Problem Description
Given a 0-indexed array nums of non-negative integers, you can perform an operation where you choose an index i (1 <= i < n) with nums[i] > 0, then decrease nums[i] by 1 and increase nums[i-1] by 1. The goal is to minimize the maximum value in the array after performing any number of operations.
Key Insights
- The operations only allow shifting value to the left.
- The prefix sums of the array remain invariant; only their distribution can be balanced.
- The minimum possible maximum value is determined by the largest needed average of the prefix, rounded up.

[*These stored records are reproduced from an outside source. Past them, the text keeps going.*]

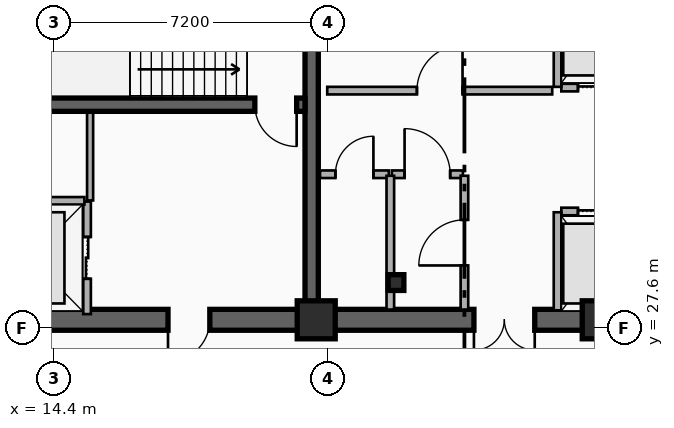
"""IFC4 building model, lengths in metres.
Left out: names, types, materials, properties, quantities, classifications, styles, units other than length and angle.
Written with IfcOpenShell. Run it as: python <this file> out.ifc"""

import sys

from ifc_helpers import new_model, si_unit, direction, frame, frame_2d, origin, origin_2d, place, context, subcontext, project, spatial, rectangle, i_section, extrude, element, fill, save


model = new_model("IFC4")
c1 = context("Model", 3, precision=1e-05, world=origin(), true_north=direction((0.0, 1.0)))
c2 = subcontext(c1, "Body", "Model", "MODEL_VIEW")
j1 = project(units=[si_unit("LENGTHUNIT", "METRE"), si_unit("PLANEANGLEUNIT", "RADIAN")], contexts=[c1])
p1 = place(None, origin())
s1 = spatial("IfcSite", under=j1, at=p1, CompositionType="ELEMENT")
p2 = place(p1, origin())
s2 = spatial("IfcBuilding", under=s1, at=p2, CompositionType="ELEMENT")
p3 = place(p2, frame((0.0, 0.0, 183.85)))
s3 = spatial("IfcBuildingStorey", under=s2, at=p3, CompositionType="ELEMENT", Elevation=183.85)
p4 = place(p3, frame((21.18, 27.82, 0.0), z_axis=(0.0, 0.0, 1.0), x_axis=(-1.0, 0.0, 0.0)))
e1 = element("IfcWall", 1, at=p4, inside=s3, PredefinedType="SHEAR", context=c2, shape_type="SweptSolid", body=[
    extrude(rectangle(XDim=9.03, YDim=0.55, at=frame_2d((4.515, 0.0))), origin(), (0.0, 0.0, 1.0), 4.55),
])
p5 = place(p4, frame((2.68, 0.0, 0.0)))
e2 = element("IfcOpeningElement", 2, at=p5, cuts=e1, PredefinedType="OPENING", context=c2, shape_type="SweptSolid", body=[
    extrude(rectangle(XDim=1.1, YDim=2.15, at=frame_2d((0.55, 1.075))), frame((0.0, 0.285, 0.0), z_axis=(0.0, -1.0, 0.0), x_axis=(1.0, 0.0, 0.0)), (0.0, 0.0, 1.0), 0.57),
])
p6 = place(p3, frame((33.15, 27.82, 0.0), z_axis=(0.0, 0.0, 1.0), x_axis=(-1.0, 0.0, 0.0)))
e3 = element("IfcWall", 3, at=p6, inside=s3, PredefinedType="SHEAR", context=c2, shape_type="SweptSolid", body=[
    extrude(rectangle(XDim=11.97, YDim=0.55, at=frame_2d((5.985, 0.0))), origin(), (0.0, 0.0, 1.0), 4.55),
])
p7 = place(p6, frame((6.1, 0.0, 0.0)))
e4 = element("IfcOpeningElement", 4, at=p7, cuts=e3, PredefinedType="OPENING", context=c2, shape_type="SweptSolid", body=[
    extrude(rectangle(XDim=1.6, YDim=2.2, at=frame_2d((0.8, 1.1))), frame((0.0, 0.285, 0.0), z_axis=(0.0, -1.0, 0.0), x_axis=(1.0, 0.0, 0.0)), (0.0, 0.0, 1.0), 0.57),
])
p8 = place(p3, frame((21.18, 28.095, 0.0), z_axis=(0.0, 0.0, 1.0), x_axis=(0.0, 1.0, 0.0)))
e5 = element("IfcWall", 5, at=p8, inside=s3, PredefinedType="SHEAR", context=c2, shape_type="SweptSolid", body=[
    extrude(rectangle(XDim=8.68, YDim=0.35, at=frame_2d((4.34, 0.0))), origin(), (0.0, 0.0, 1.0), 4.55),
])
p9 = place(p3, frame((21.005, 33.48, 0.0), z_axis=(0.0, 0.0, 1.0), x_axis=(-1.0, 0.0, 0.0)))
e6 = element("IfcWall", 6, at=p9, inside=s3, PredefinedType="SHEAR", context=c2, shape_type="SweptSolid", body=[
    extrude(rectangle(XDim=8.58, YDim=0.35, at=frame_2d((4.29, 0.0))), origin(), (0.0, 0.0, 1.0), 4.55),
])
p10 = place(p9, frame((0.22, 0.0, 0.0)))
e7 = element("IfcOpeningElement", 7, at=p10, cuts=e6, PredefinedType="OPENING", context=c2, shape_type="SweptSolid", body=[
    extrude(rectangle(XDim=1.1, YDim=2.15, at=frame_2d((0.55, 1.075))), frame((0.0, 0.185, 0.0), z_axis=(0.0, -1.0, 0.0), x_axis=(1.0, 0.0, 0.0)), (0.0, 0.0, 1.0), 0.37),
])
p11 = place(p3, frame((23.4, 28.8, 0.0), z_axis=(0.0, 0.0, 1.0), x_axis=(1.0, 0.0, 0.0)))
e8 = element("IfcColumn", 8, at=p11, inside=s3, PredefinedType="COLUMN", context=c2, shape_type="SweptSolid", body=[
    extrude(i_section(OverallWidth=0.413, OverallDepth=0.415, WebThickness=0.03, FlangeThickness=0.047, FilletRadius=0.015, at=origin_2d()), origin(), (0.0, 0.0, 1.0), 4.55),
])
for number, where, z_axis, x_axis in (
    (9, (21.3, 27.82, 0.0), (0.0, 0.0, 1.0), (1.0, 0.0, 0.0)),
    (10, (28.8, 27.82, 0.0), (0.0, 0.0, 1.0), (1.0, 0.0, 0.0)),
):
    element("IfcColumn", number, at=place(p3, frame(where, z_axis=z_axis, x_axis=x_axis)), inside=s3, PredefinedType="COLUMN", context=c2, shape_type="SweptSolid", body=[
        extrude(rectangle(XDim=1.0, YDim=1.0, at=origin_2d()), origin(), (0.0, 0.0, 1.0), 4.55),
    ])
p12 = place(p3, frame((15.27, 27.97, 0.0), z_axis=(0.0, 0.0, 1.0), x_axis=(0.0, 1.0, 0.0)))
e11 = element("IfcWall", 11, at=p12, inside=s3, PredefinedType="PARTITIONING", context=c2, shape_type="SweptSolid", body=[
    extrude(rectangle(XDim=2.96, YDim=0.2, at=frame_2d((1.48, 0.0))), origin(), (0.0, 0.0, 1.0), 3.3),
])
p13 = place(p12, frame((0.93, 0.0, 0.0)))
e12 = element("IfcOpeningElement", 12, at=p13, cuts=e11, PredefinedType="OPENING", context=c2, shape_type="SweptSolid", body=[
    extrude(rectangle(XDim=1.1, YDim=2.15, at=frame_2d((0.55, 1.075))), frame((0.0, 0.11, 0.0), z_axis=(0.0, -1.0, 0.0), x_axis=(1.0, 0.0, 0.0)), (0.0, 0.0, 1.0), 0.22),
])
p14 = place(p3, frame((12.45, 30.95, 0.0), z_axis=(0.0, 0.0, 1.0), x_axis=(1.0, 0.0, 0.0)))
e13 = element("IfcWall", 13, at=p14, inside=s3, PredefinedType="PARTITIONING", context=c2, shape_type="SweptSolid", body=[
    extrude(rectangle(XDim=2.75, YDim=0.2, at=frame_2d((1.375, 0.0))), origin(), (0.0, 0.0, 1.0), 3.3),
])
p15 = place(p3, frame((27.75, 30.67, 0.0), z_axis=(0.0, 0.0, 1.0), x_axis=(1.0, 0.0, 0.0)))
e14 = element("IfcWall", 14, at=p15, inside=s3, PredefinedType="PARTITIONING", context=c2, shape_type="SweptSolid", body=[
    extrude(rectangle(XDim=1.975, YDim=0.2, at=frame_2d((0.988, 0.0))), origin(), (0.0, 0.0, 1.0), 3.3),
])
p16 = place(p15, frame((0.438, 0.0, 0.0)))
e15 = element("IfcOpeningElement", 15, at=p16, cuts=e14, PredefinedType="OPENING", context=c2, shape_type="SweptSolid", body=[
    extrude(rectangle(XDim=1.1, YDim=2.15, at=frame_2d((0.55, 1.075))), frame((0.0, 0.11, 0.0), z_axis=(0.0, -1.0, 0.0), x_axis=(1.0, 0.0, 0.0)), (0.0, 0.0, 1.0), 0.22),
])
p17 = place(p3, frame((27.65, 28.07, 0.0), z_axis=(0.0, 0.0, 1.0), x_axis=(0.0, 1.0, 0.0)))
e16 = element("IfcWall", 16, at=p17, inside=s3, PredefinedType="PARTITIONING", context=c2, shape_type="SweptSolid", body=[
    extrude(rectangle(XDim=2.58, YDim=0.2, at=frame_2d((1.29, 0.0))), origin(), (0.0, 0.0, 1.0), 3.3),
])
p18 = place(p3, frame((27.75, 33.93, 0.0), z_axis=(0.0, 0.0, 1.0), x_axis=(1.0, 0.0, 0.0)))
e17 = element("IfcWall", 17, at=p18, inside=s3, PredefinedType="PARTITIONING", context=c2, shape_type="SweptSolid", body=[
    extrude(rectangle(XDim=1.975, YDim=0.2, at=frame_2d((0.988, 0.0))), origin(), (0.0, 0.0, 1.0), 3.3),
])
p19 = place(p18, frame((0.438, 0.0, 0.0)))
e18 = element("IfcOpeningElement", 18, at=p19, cuts=e17, PredefinedType="OPENING", context=c2, shape_type="SweptSolid", body=[
    extrude(rectangle(XDim=1.1, YDim=2.15, at=frame_2d((0.55, 1.075))), frame((0.0, 0.11, 0.0), z_axis=(0.0, -1.0, 0.0), x_axis=(1.0, 0.0, 0.0)), (0.0, 0.0, 1.0), 0.22),
])
p20 = place(p3, frame((27.65, 33.95, 0.0), z_axis=(0.0, 0.0, 1.0), x_axis=(0.0, 1.0, 0.0)))
e19 = element("IfcWall", 19, at=p20, inside=s3, PredefinedType="PARTITIONING", context=c2, shape_type="SweptSolid", body=[
    extrude(rectangle(XDim=2.68, YDim=0.2, at=frame_2d((1.34, 0.0))), origin(), (0.0, 0.0, 1.0), 3.3),
])
p21 = place(p3, frame((21.4, 31.65, 0.0), z_axis=(0.0, 0.0, 1.0), x_axis=(1.0, 0.0, 0.0)))
e20 = element("IfcWall", 20, at=p21, inside=s3, PredefinedType="PARTITIONING", context=c2, shape_type="SweptSolid", body=[
    extrude(rectangle(XDim=1.81, YDim=0.2, at=frame_2d((0.905, 0.0))), origin(), (0.0, 0.0, 1.0), 3.3),
])
p22 = place(p21, frame((0.405, 0.0, 0.0)))
e21 = element("IfcOpeningElement", 21, at=p22, cuts=e20, PredefinedType="OPENING", context=c2, shape_type="SweptSolid", body=[
    extrude(rectangle(XDim=1.0, YDim=2.15, at=frame_2d((0.5, 1.075))), frame((0.0, 0.11, 0.0), z_axis=(0.0, -1.0, 0.0), x_axis=(1.0, 0.0, 0.0)), (0.0, 0.0, 1.0), 0.22),
])
p23 = place(p3, frame((23.29, 31.65, 0.0), z_axis=(0.0, 0.0, 1.0), x_axis=(1.0, 0.0, 0.0)))
e22 = element("IfcWall", 22, at=p23, inside=s3, PredefinedType="PARTITIONING", context=c2, shape_type="SweptSolid", body=[
    extrude(rectangle(XDim=1.87, YDim=0.2, at=frame_2d((0.935, 0.0))), origin(), (0.0, 0.0, 1.0), 4.23),
])
p24 = place(p23, frame((0.335, 0.0, 0.0)))
e23 = element("IfcOpeningElement", 23, at=p24, cuts=e22, PredefinedType="OPENING", context=c2, shape_type="SweptSolid", body=[
    extrude(rectangle(XDim=1.2, YDim=2.15, at=frame_2d((0.6, 1.075))), frame((0.0, 0.11, 0.0), z_axis=(0.0, -1.0, 0.0), x_axis=(1.0, 0.0, 0.0)), (0.0, 0.0, 1.0), 0.22),
])
p25 = place(p3, frame((21.59, 33.85, 0.0), z_axis=(0.0, 0.0, 1.0), x_axis=(1.0, 0.0, 0.0)))
e24 = element("IfcWall", 24, at=p25, inside=s3, PredefinedType="PARTITIONING", context=c2, shape_type="SweptSolid", body=[
    extrude(rectangle(XDim=5.92, YDim=0.2, at=frame_2d((2.96, 0.0))), origin(), (0.0, 0.0, 1.0), 3.3),
])
p26 = place(p25, frame((2.36, 0.0, 0.0)))
e25 = element("IfcOpeningElement", 25, at=p26, cuts=e24, PredefinedType="OPENING", context=c2, shape_type="SweptSolid", body=[
    extrude(rectangle(XDim=1.2, YDim=2.15, at=frame_2d((0.6, 1.075))), frame((0.0, 0.11, 0.0), z_axis=(0.0, -1.0, 0.0), x_axis=(1.0, 0.0, 0.0)), (0.0, 0.0, 1.0), 0.22),
])
p27 = place(p3, frame((25.2, 28.09, 0.0), z_axis=(0.0, 0.0, 1.0), x_axis=(0.0, 1.0, 0.0)))
e26 = element("IfcWall", 26, at=p27, inside=s3, PredefinedType="PARTITIONING", context=c2, shape_type="SweptSolid", body=[
    extrude(rectangle(XDim=3.52, YDim=0.2, at=frame_2d((1.76, 0.0))), origin(), (0.0, 0.0, 1.0), 3.61),
])
p28 = place(p27, frame((1.16, 0.0, 0.0)))
e27 = element("IfcOpeningElement", 27, at=p28, cuts=e26, PredefinedType="OPENING", context=c2, shape_type="SweptSolid", body=[
    extrude(rectangle(XDim=1.2, YDim=2.15, at=frame_2d((0.6, 1.075))), frame((0.0, 0.11, 0.0), z_axis=(0.0, -1.0, 0.0), x_axis=(1.0, 0.0, 0.0)), (0.0, 0.0, 1.0), 0.22),
])
p29 = place(p3, frame((23.25, 28.09, 0.0), z_axis=(0.0, 0.0, 1.0), x_axis=(0.0, 1.0, 0.0)))
e28 = element("IfcWall", 28, at=p29, inside=s3, PredefinedType="PARTITIONING", context=c2, shape_type="SweptSolid", body=[
    extrude(rectangle(XDim=3.52, YDim=0.2, at=frame_2d((1.76, 0.0))), origin(), (0.0, 0.0, 1.0), 3.61),
])
p30 = place(p3, frame((15.35, 30.96, 0.0), z_axis=(0.0, 0.0, 1.0), x_axis=(0.0, 1.0, 0.0)))
e29 = element("IfcWall", 29, at=p30, inside=s3, PredefinedType="PARTITIONING", context=c2, shape_type="SweptSolid", body=[
    extrude(rectangle(XDim=2.31, YDim=0.16, at=frame_2d((1.155, 0.0))), origin(), (0.0, 0.0, 1.0), 4.23),
])
p31 = place(p13, origin())
e30 = element("IfcDoor", 30, at=p31, inside=s3, OperationType="DOUBLE_DOOR_SLIDING", PredefinedType="DOOR", context=c2, shape_type="SweptSolid", body=[
    extrude(rectangle(XDim=1.1, YDim=2.15, at=frame_2d((0.55, 1.075))), frame((0.0, 0.025, 0.0), z_axis=(0.0, -1.0, 0.0), x_axis=(1.0, 0.0, 0.0)), (0.0, 0.0, 1.0), 0.05),
])
fill(e12, e30)
p32 = place(p16, origin())
e31 = element("IfcDoor", 31, at=p32, inside=s3, OperationType="DOUBLE_DOOR_SLIDING", PredefinedType="DOOR", context=c2, shape_type="SweptSolid", body=[
    extrude(rectangle(XDim=1.1, YDim=2.15, at=frame_2d((0.55, 1.075))), frame((0.0, 0.025, 0.0), z_axis=(0.0, -1.0, 0.0), x_axis=(1.0, 0.0, 0.0)), (0.0, 0.0, 1.0), 0.05),
])
fill(e15, e31)
p33 = place(p19, origin())
e32 = element("IfcDoor", 32, at=p33, inside=s3, OperationType="DOUBLE_DOOR_SLIDING", PredefinedType="DOOR", context=c2, shape_type="SweptSolid", body=[
    extrude(rectangle(XDim=1.1, YDim=2.15, at=frame_2d((0.55, 1.075))), frame((0.0, 0.025, 0.0), z_axis=(0.0, -1.0, 0.0), x_axis=(1.0, 0.0, 0.0)), (0.0, 0.0, 1.0), 0.05),
])
fill(e18, e32)
p34 = place(p10, origin())
e33 = element("IfcDoor", 33, at=p34, inside=s3, OperationType="SINGLE_SWING_LEFT", PredefinedType="DOOR", context=c2, shape_type="SweptSolid", body=[
    extrude(rectangle(XDim=1.1, YDim=2.15, at=frame_2d((0.55, 1.075))), frame((0.0, 0.025, 0.0), z_axis=(0.0, -1.0, 0.0), x_axis=(1.0, 0.0, 0.0)), (0.0, 0.0, 1.0), 0.05),
])
fill(e7, e33)
p35 = place(p5, origin())
e34 = element("IfcDoor", 34, at=p35, inside=s3, OperationType="SINGLE_SWING_RIGHT", PredefinedType="DOOR", context=c2, shape_type="SweptSolid", body=[
    extrude(rectangle(XDim=1.1, YDim=2.15, at=frame_2d((0.55, 1.075))), frame((0.0, 0.025, 0.0), z_axis=(0.0, -1.0, 0.0), x_axis=(1.0, 0.0, 0.0)), (0.0, 0.0, 1.0), 0.05),
])
fill(e2, e34)
p36 = place(p7, origin())
e35 = element("IfcDoor", 35, at=p36, inside=s3, OperationType="SINGLE_SWING_LEFT", PredefinedType="DOOR", context=c2, shape_type="SweptSolid", body=[
    extrude(rectangle(XDim=1.6, YDim=2.2, at=frame_2d((0.8, 1.1))), frame((0.0, 0.025, 0.0), z_axis=(0.0, -1.0, 0.0), x_axis=(1.0, 0.0, 0.0)), (0.0, 0.0, 1.0), 0.05),
])
fill(e4, e35)
p37 = place(p22, origin())
e36 = element("IfcDoor", 36, at=p37, inside=s3, OperationType="SINGLE_SWING_RIGHT", PredefinedType="DOOR", context=c2, shape_type="SweptSolid", body=[
    extrude(rectangle(XDim=1.0, YDim=2.15, at=frame_2d((0.5, 1.075))), frame((0.0, 0.025, 0.0), z_axis=(0.0, -1.0, 0.0), x_axis=(1.0, 0.0, 0.0)), (0.0, 0.0, 1.0), 0.05),
])
fill(e21, e36)
p38 = place(p24, origin())
e37 = element("IfcDoor", 37, at=p38, inside=s3, OperationType="SINGLE_SWING_LEFT", PredefinedType="DOOR", context=c2, shape_type="SweptSolid", body=[
    extrude(rectangle(XDim=1.2, YDim=2.15, at=frame_2d((0.6, 1.075))), frame((0.0, 0.025, 0.0), z_axis=(0.0, -1.0, 0.0), x_axis=(1.0, 0.0, 0.0)), (0.0, 0.0, 1.0), 0.05),
])
fill(e23, e37)
p39 = place(p26, origin())
e38 = element("IfcDoor", 38, at=p39, inside=s3, OperationType="SINGLE_SWING_RIGHT", PredefinedType="DOOR", context=c2, shape_type="SweptSolid", body=[
    extrude(rectangle(XDim=1.2, YDim=2.15, at=frame_2d((0.6, 1.075))), frame((0.0, 0.025, 0.0), z_axis=(0.0, -1.0, 0.0), x_axis=(1.0, 0.0, 0.0)), (0.0, 0.0, 1.0), 0.05),
])
fill(e25, e38)
p40 = place(p28, origin())
e39 = element("IfcDoor", 39, at=p40, inside=s3, OperationType="SINGLE_SWING_LEFT", PredefinedType="DOOR", context=c2, shape_type="SweptSolid", body=[
    extrude(rectangle(XDim=1.2, YDim=2.15, at=frame_2d((0.6, 1.075))), frame((0.0, 0.025, 0.0), z_axis=(0.0, -1.0, 0.0), x_axis=(1.0, 0.0, 0.0)), (0.0, 0.0, 1.0), 0.05),
])
fill(e27, e39)
save(model, sys.argv[1])

- For each index i, the achievable maximum value must be at least ceil(prefixSum[0...i] / (i + 1)).
Space and Time Complexity
Time Complexity: O(n) - We iterate through the array once. Space Complexity: O(1) - Only a few variables are used.
Solution
We observe that the operations allow "pushing" excess from right to left. This means that the sum of the first i elements (prefix sum) cannot be reduced by any series of operations, though it can be redistributed. To keep all numbers as balanced as possible, the highest value in the prefix will be determined by the ceiling of (sum of the prefix)/(length of the prefix). Thus, for each index, we compute the running sum and take the maximum of ceil(prefixSum / (i + 1)). This maximum will be the minimum achievable maximum value of the array after redistributions.